5 (and a Half) Scenarios and the Multi-Tenancy Options That Support Them

March 5, 2024

Companies developing multi-tenant applications have to weigh the benefits and challenges (pros and cons, if you will) of separating tenants (i.e. their app’s end users) across their database. Multi-tenancy is a common strategy among Independent Software Vendors (ISVs) offering SaaS services, enterprises providing database-as-a-service (DBaaS) to different business units, or firms creating sandboxes for development and testing. The key for multi-tenancy implementations is determining the degree of isolation needed and how this isolation meets specific requirements. Not taking these considerations into account can lead to problems such as the “noisy neighbor,” cross-tenant data contamination (where one tenant can see or change another tenant’s data), or regulatory compliance violations when data privacy is non-negotiable. The concept of “good fences make good neighbors” aptly highlights the importance of proper isolation in these scenarios.

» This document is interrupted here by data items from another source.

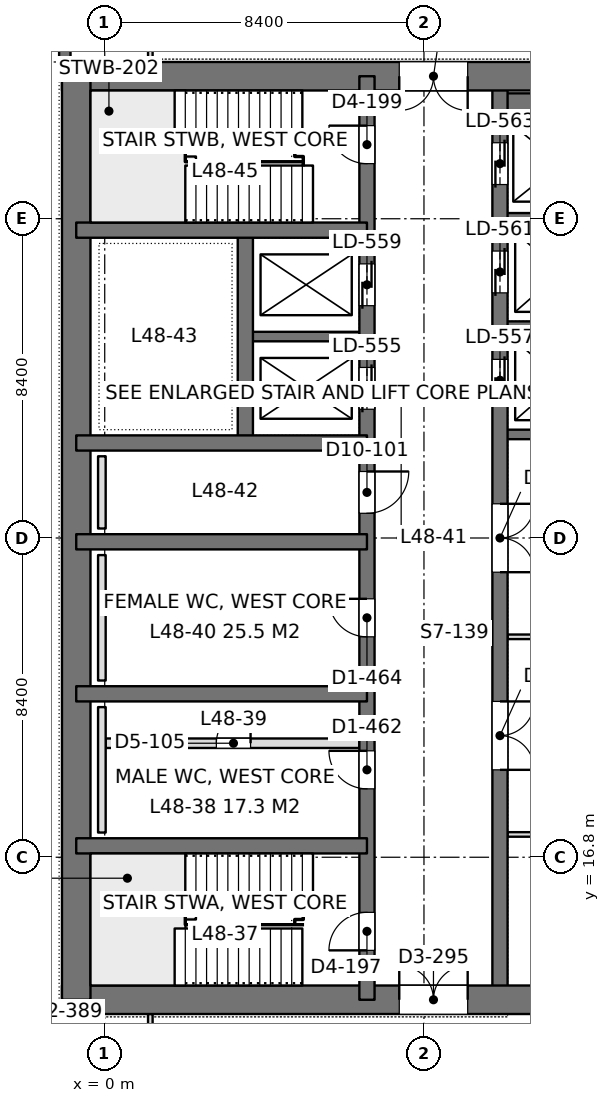
"""IFC4 building model, lengths in metres.
Left out: names, types, materials, properties, quantities, classifications, styles, units other than length and angle.
Written with IfcOpenShell. Run it as: python <this file> out.ifc"""

import sys

from ifc_helpers import new_model, si_unit, direction, frame, frame_2d, origin, place, context, subcontext, project, spatial, rectangle, extrude, element, fill, save


model = new_model("IFC4")
c1 = context("Model", 3, precision=1e-05, world=origin(), true_north=direction((0.0, 1.0)))
c2 = subcontext(c1, "Body", "Model", "MODEL_VIEW")
j1 = project(units=[si_unit("LENGTHUNIT", "METRE"), si_unit("PLANEANGLEUNIT", "RADIAN")], contexts=[c1])
p1 = place(None, origin())
s1 = spatial("IfcSite", under=j1, at=p1, CompositionType="ELEMENT")
p2 = place(p1, origin())
s2 = spatial("IfcBuilding", under=s1, at=p2, CompositionType="ELEMENT")
p3 = place(p2, frame((0.0, 0.0, 211.2)))
s3 = spatial("IfcBuildingStorey", under=s2, at=p3, CompositionType="ELEMENT", Elevation=211.2)
p4 = place(p3, frame((-1.125, 13.05, 0.0), z_axis=(0.0, 0.0, 1.0), x_axis=(1.0, 0.0, 0.0)))
e1 = element("IfcWall", 1, at=p4, inside=s3, PredefinedType="SHEAR", context=c2, shape_type="SweptSolid", body=[
    extrude(rectangle(XDim=17.85, YDim=0.75, at=frame_2d((8.925, 0.0))), origin(), (0.0, 0.0, 1.0), 4.2),
])
p5 = place(p4, frame((8.875, 0.0, 0.0)))
e2 = element("IfcOpeningElement", 2, at=p5, cuts=e1, PredefinedType="OPENING", context=c2, shape_type="SweptSolid", body=[
    extrude(rectangle(XDim=1.8, YDim=2.4, at=frame_2d((0.9, 1.2))), frame((0.0, 0.385, 0.0), z_axis=(0.0, -1.0, 0.0), x_axis=(1.0, 0.0, 0.0)), (0.0, 0.0, 1.0), 0.77),
])
p6 = place(p3, frame((-1.125, 37.35, 0.0), z_axis=(0.0, 0.0, 1.0), x_axis=(1.0, 0.0, 0.0)))
e3 = element("IfcWall", 3, at=p6, inside=s3, PredefinedType="SHEAR", context=c2, shape_type="SweptSolid", body=[
    extrude(rectangle(XDim=17.85, YDim=0.75, at=frame_2d((8.925, 0.0))), origin(), (0.0, 0.0, 1.0), 4.2),
])
p7 = place(p6, frame((8.875, 0.0, 0.0)))
e4 = element("IfcOpeningElement", 4, at=p7, cuts=e3, PredefinedType="OPENING", context=c2, shape_type="SweptSolid", body=[
    extrude(rectangle(XDim=1.8, YDim=2.4, at=frame_2d((0.9, 1.2))), frame((0.0, 0.385, 0.0), z_axis=(0.0, -1.0, 0.0), x_axis=(1.0, 0.0, 0.0)), (0.0, 0.0, 1.0), 0.77),
])
p8 = place(p3, frame((-0.75, 13.05, 0.0), z_axis=(0.0, 0.0, 1.0), x_axis=(0.0, 1.0, 0.0)))
e5 = element("IfcWall", 5, at=p8, inside=s3, PredefinedType="SHEAR", context=c2, shape_type="SweptSolid", body=[
    extrude(rectangle(XDim=24.3, YDim=0.75, at=frame_2d((12.15, 0.0))), origin(), (0.0, 0.0, 1.0), 4.2),
])
p9 = place(p3, frame((6.9, 13.05, 0.0), z_axis=(0.0, 0.0, 1.0), x_axis=(0.0, 1.0, 0.0)))
e6 = element("IfcWall", 6, at=p9, inside=s3, PredefinedType="SHEAR", context=c2, shape_type="SweptSolid", body=[
    extrude(rectangle(XDim=24.3, YDim=0.4, at=frame_2d((12.15, 0.0))), origin(), (0.0, 0.0, 1.0), 4.2),
])
p10 = place(p9, frame((1.3, 0.0, 0.0)))
e7 = element("IfcOpeningElement", 7, at=p10, cuts=e6, PredefinedType="OPENING", context=c2, shape_type="SweptSolid", body=[
    extrude(rectangle(XDim=1.0, YDim=2.2, at=frame_2d((0.5, 1.1))), frame((0.0, 0.21, 0.0), z_axis=(0.0, -1.0, 0.0), x_axis=(1.0, 0.0, 0.0)), (0.0, 0.0, 1.0), 0.42),
])
p11 = place(p9, frame((22.0, 0.0, 0.0)))
e8 = element("IfcOpeningElement", 8, at=p11, cuts=e6, PredefinedType="OPENING", context=c2, shape_type="SweptSolid", body=[
    extrude(rectangle(XDim=1.0, YDim=2.2, at=frame_2d((0.5, 1.1))), frame((0.0, 0.21, 0.0), z_axis=(0.0, -1.0, 0.0), x_axis=(1.0, 0.0, 0.0)), (0.0, 0.0, 1.0), 0.42),
])
p12 = place(p9, frame((5.55, 0.0, 0.0)))
e9 = element("IfcOpeningElement", 9, at=p12, cuts=e6, PredefinedType="OPENING", context=c2, shape_type="SweptSolid", body=[
    extrude(rectangle(XDim=1.0, YDim=2.2, at=frame_2d((0.5, 1.1))), frame((0.0, 0.21, 0.0), z_axis=(0.0, -1.0, 0.0), x_axis=(1.0, 0.0, 0.0)), (0.0, 0.0, 1.0), 0.42),
])
p13 = place(p9, frame((9.55, 0.0, 0.0)))
e10 = element("IfcOpeningElement", 10, at=p13, cuts=e6, PredefinedType="OPENING", context=c2, shape_type="SweptSolid", body=[
    extrude(rectangle(XDim=1.0, YDim=2.2, at=frame_2d((0.5, 1.1))), frame((0.0, 0.21, 0.0), z_axis=(0.0, -1.0, 0.0), x_axis=(1.0, 0.0, 0.0)), (0.0, 0.0, 1.0), 0.42),
])
p14 = place(p9, frame((12.8, 0.0, 0.0)))
e11 = element("IfcOpeningElement", 11, at=p14, cuts=e6, PredefinedType="OPENING", context=c2, shape_type="SweptSolid", body=[
    extrude(rectangle(XDim=1.1, YDim=2.2, at=frame_2d((0.55, 1.1))), frame((0.0, 0.21, 0.0), z_axis=(0.0, -1.0, 0.0), x_axis=(1.0, 0.0, 0.0)), (0.0, 0.0, 1.0), 0.42),
])
p15 = place(p9, frame((15.538, 0.0, 0.0)))
e12 = element("IfcOpeningElement", 12, at=p15, cuts=e6, PredefinedType="OPENING", context=c2, shape_type="SweptSolid", body=[
    extrude(rectangle(XDim=1.1, YDim=2.2, at=frame_2d((0.55, 1.1))), frame((0.0, 0.21, 0.0), z_axis=(0.0, -1.0, 0.0), x_axis=(1.0, 0.0, 0.0)), (0.0, 0.0, 1.0), 0.42),
])
p16 = place(p9, frame((18.262, 0.0, 0.0)))
e13 = element("IfcOpeningElement", 13, at=p16, cuts=e6, PredefinedType="OPENING", context=c2, shape_type="SweptSolid", body=[
    extrude(rectangle(XDim=1.1, YDim=2.2, at=frame_2d((0.55, 1.1))), frame((0.0, 0.21, 0.0), z_axis=(0.0, -1.0, 0.0), x_axis=(1.0, 0.0, 0.0)), (0.0, 0.0, 1.0), 0.42),
])
p17 = place(p3, frame((10.4, 13.05, 0.0), z_axis=(0.0, 0.0, 1.0), x_axis=(0.0, 1.0, 0.0)))
e14 = element("IfcWall", 14, at=p17, inside=s3, PredefinedType="SHEAR", context=c2, shape_type="SweptSolid", body=[
    extrude(rectangle(XDim=24.3, YDim=0.4, at=frame_2d((12.15, 0.0))), origin(), (0.0, 0.0, 1.0), 4.2),
])
p18 = place(p17, frame((15.75, 0.0, 0.0)))
e15 = element("IfcOpeningElement", 15, at=p18, cuts=e14, PredefinedType="OPENING", context=c2, shape_type="SweptSolid", body=[
    extrude(rectangle(XDim=1.1, YDim=2.2, at=frame_2d((0.55, 1.1))), frame((0.0, 0.21, 0.0), z_axis=(0.0, -1.0, 0.0), x_axis=(1.0, 0.0, 0.0)), (0.0, 0.0, 1.0), 0.42),
])
p19 = place(p17, frame((18.6, 0.0, 0.0)))
e16 = element("IfcOpeningElement", 16, at=p19, cuts=e14, PredefinedType="OPENING", context=c2, shape_type="SweptSolid", body=[
    extrude(rectangle(XDim=1.1, YDim=2.2, at=frame_2d((0.55, 1.1))), frame((0.0, 0.21, 0.0), z_axis=(0.0, -1.0, 0.0), x_axis=(1.0, 0.0, 0.0)), (0.0, 0.0, 1.0), 0.42),
])
p20 = place(p17, frame((21.45, 0.0, 0.0)))
e17 = element("IfcOpeningElement", 17, at=p20, cuts=e14, PredefinedType="OPENING", context=c2, shape_type="SweptSolid", body=[
    extrude(rectangle(XDim=1.1, YDim=2.2, at=frame_2d((0.55, 1.1))), frame((0.0, 0.21, 0.0), z_axis=(0.0, -1.0, 0.0), x_axis=(1.0, 0.0, 0.0)), (0.0, 0.0, 1.0), 0.42),
])
p21 = place(p17, frame((6.05, 0.0, 0.0)))
e18 = element("IfcOpeningElement", 18, at=p21, cuts=e14, PredefinedType="OPENING", context=c2, shape_type="SweptSolid", body=[
    extrude(rectangle(XDim=1.8, YDim=2.4, at=frame_2d((0.9, 1.2))), frame((0.0, 0.21, 0.0), z_axis=(0.0, -1.0, 0.0), x_axis=(1.0, 0.0, 0.0)), (0.0, 0.0, 1.0), 0.42),
])
p22 = place(p17, frame((11.25, 0.0, 0.0)))
e19 = element("IfcOpeningElement", 19, at=p22, cuts=e14, PredefinedType="OPENING", context=c2, shape_type="SweptSolid", body=[
    extrude(rectangle(XDim=1.8, YDim=2.4, at=frame_2d((0.9, 1.2))), frame((0.0, 0.21, 0.0), z_axis=(0.0, -1.0, 0.0), x_axis=(1.0, 0.0, 0.0)), (0.0, 0.0, 1.0), 0.42),
])
for number, where, z_axis, x_axis in (
    (20, (-0.75, 17.1, 0.0), (0.0, 0.0, 1.0), (1.0, 0.0, 0.0)),
    (21, (-0.75, 21.1, 0.0), (0.0, 0.0, 1.0), (1.0, 0.0, 0.0)),
    (22, (-0.75, 25.1, 0.0), (0.0, 0.0, 1.0), (1.0, 0.0, 0.0)),
    (23, (-0.75, 27.7, 0.0), (0.0, 0.0, 1.0), (1.0, 0.0, 0.0)),
    (24, (-0.75, 33.3, 0.0), (0.0, 0.0, 1.0), (1.0, 0.0, 0.0)),
):
    element("IfcWall", number, at=place(p3, frame(where, z_axis=z_axis, x_axis=x_axis)), inside=s3, PredefinedType="SHEAR", context=c2, shape_type="SweptSolid", body=[
        extrude(rectangle(XDim=7.65, YDim=0.4, at=frame_2d((3.825, 0.0))), origin(), (0.0, 0.0, 1.0), 4.2),
    ])
p23 = place(p3, frame((3.7, 27.7, 0.0), z_axis=(0.0, 0.0, 1.0), x_axis=(0.0, 1.0, 0.0)))
e25 = element("IfcWall", 25, at=p23, inside=s3, PredefinedType="SHEAR", context=c2, shape_type="SweptSolid", body=[
    extrude(rectangle(XDim=5.6, YDim=0.4, at=frame_2d((2.8, 0.0))), origin(), (0.0, 0.0, 1.0), 4.2),
])
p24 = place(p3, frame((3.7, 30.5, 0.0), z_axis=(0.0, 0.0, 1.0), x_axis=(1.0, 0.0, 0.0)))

The “noisy neighbor” problem in multi-tenant environments happens when one tenant’s excessive use of shared resources degrades the performance of others. This can lead to slower response times, service outages, or reduced system stability.

What is multi-tenancy?

Multi-tenancy (or a multi-tenant architecture) allows a single instance of an app and its infrastructure to serve multiple customers. Users share both the application and the database, but their data remains isolated and invisible to others. “Tenants” are the various users of an application, which could be individuals, companies, or organizations, depending on the application vendor’s definition. For instance, Company A might identify a “tenant” by a user_id, while Company B uses an org_id encompassing several user_ids. Both approaches align with our understanding of a “tenant” in this context.

Multi-Tenancy Options in YugabyteDB

Let’s examine the different multi-tenancy options in YugabyteDB, focusing on how it manages tenant isolation and the shared database components.

The table below shows how shared and isolated components build upon each other. For example, if you choose the “Separate Tenants by Row” (4th row below) strategy also involves sharing the schema (row #3) and “Named Database (row #2).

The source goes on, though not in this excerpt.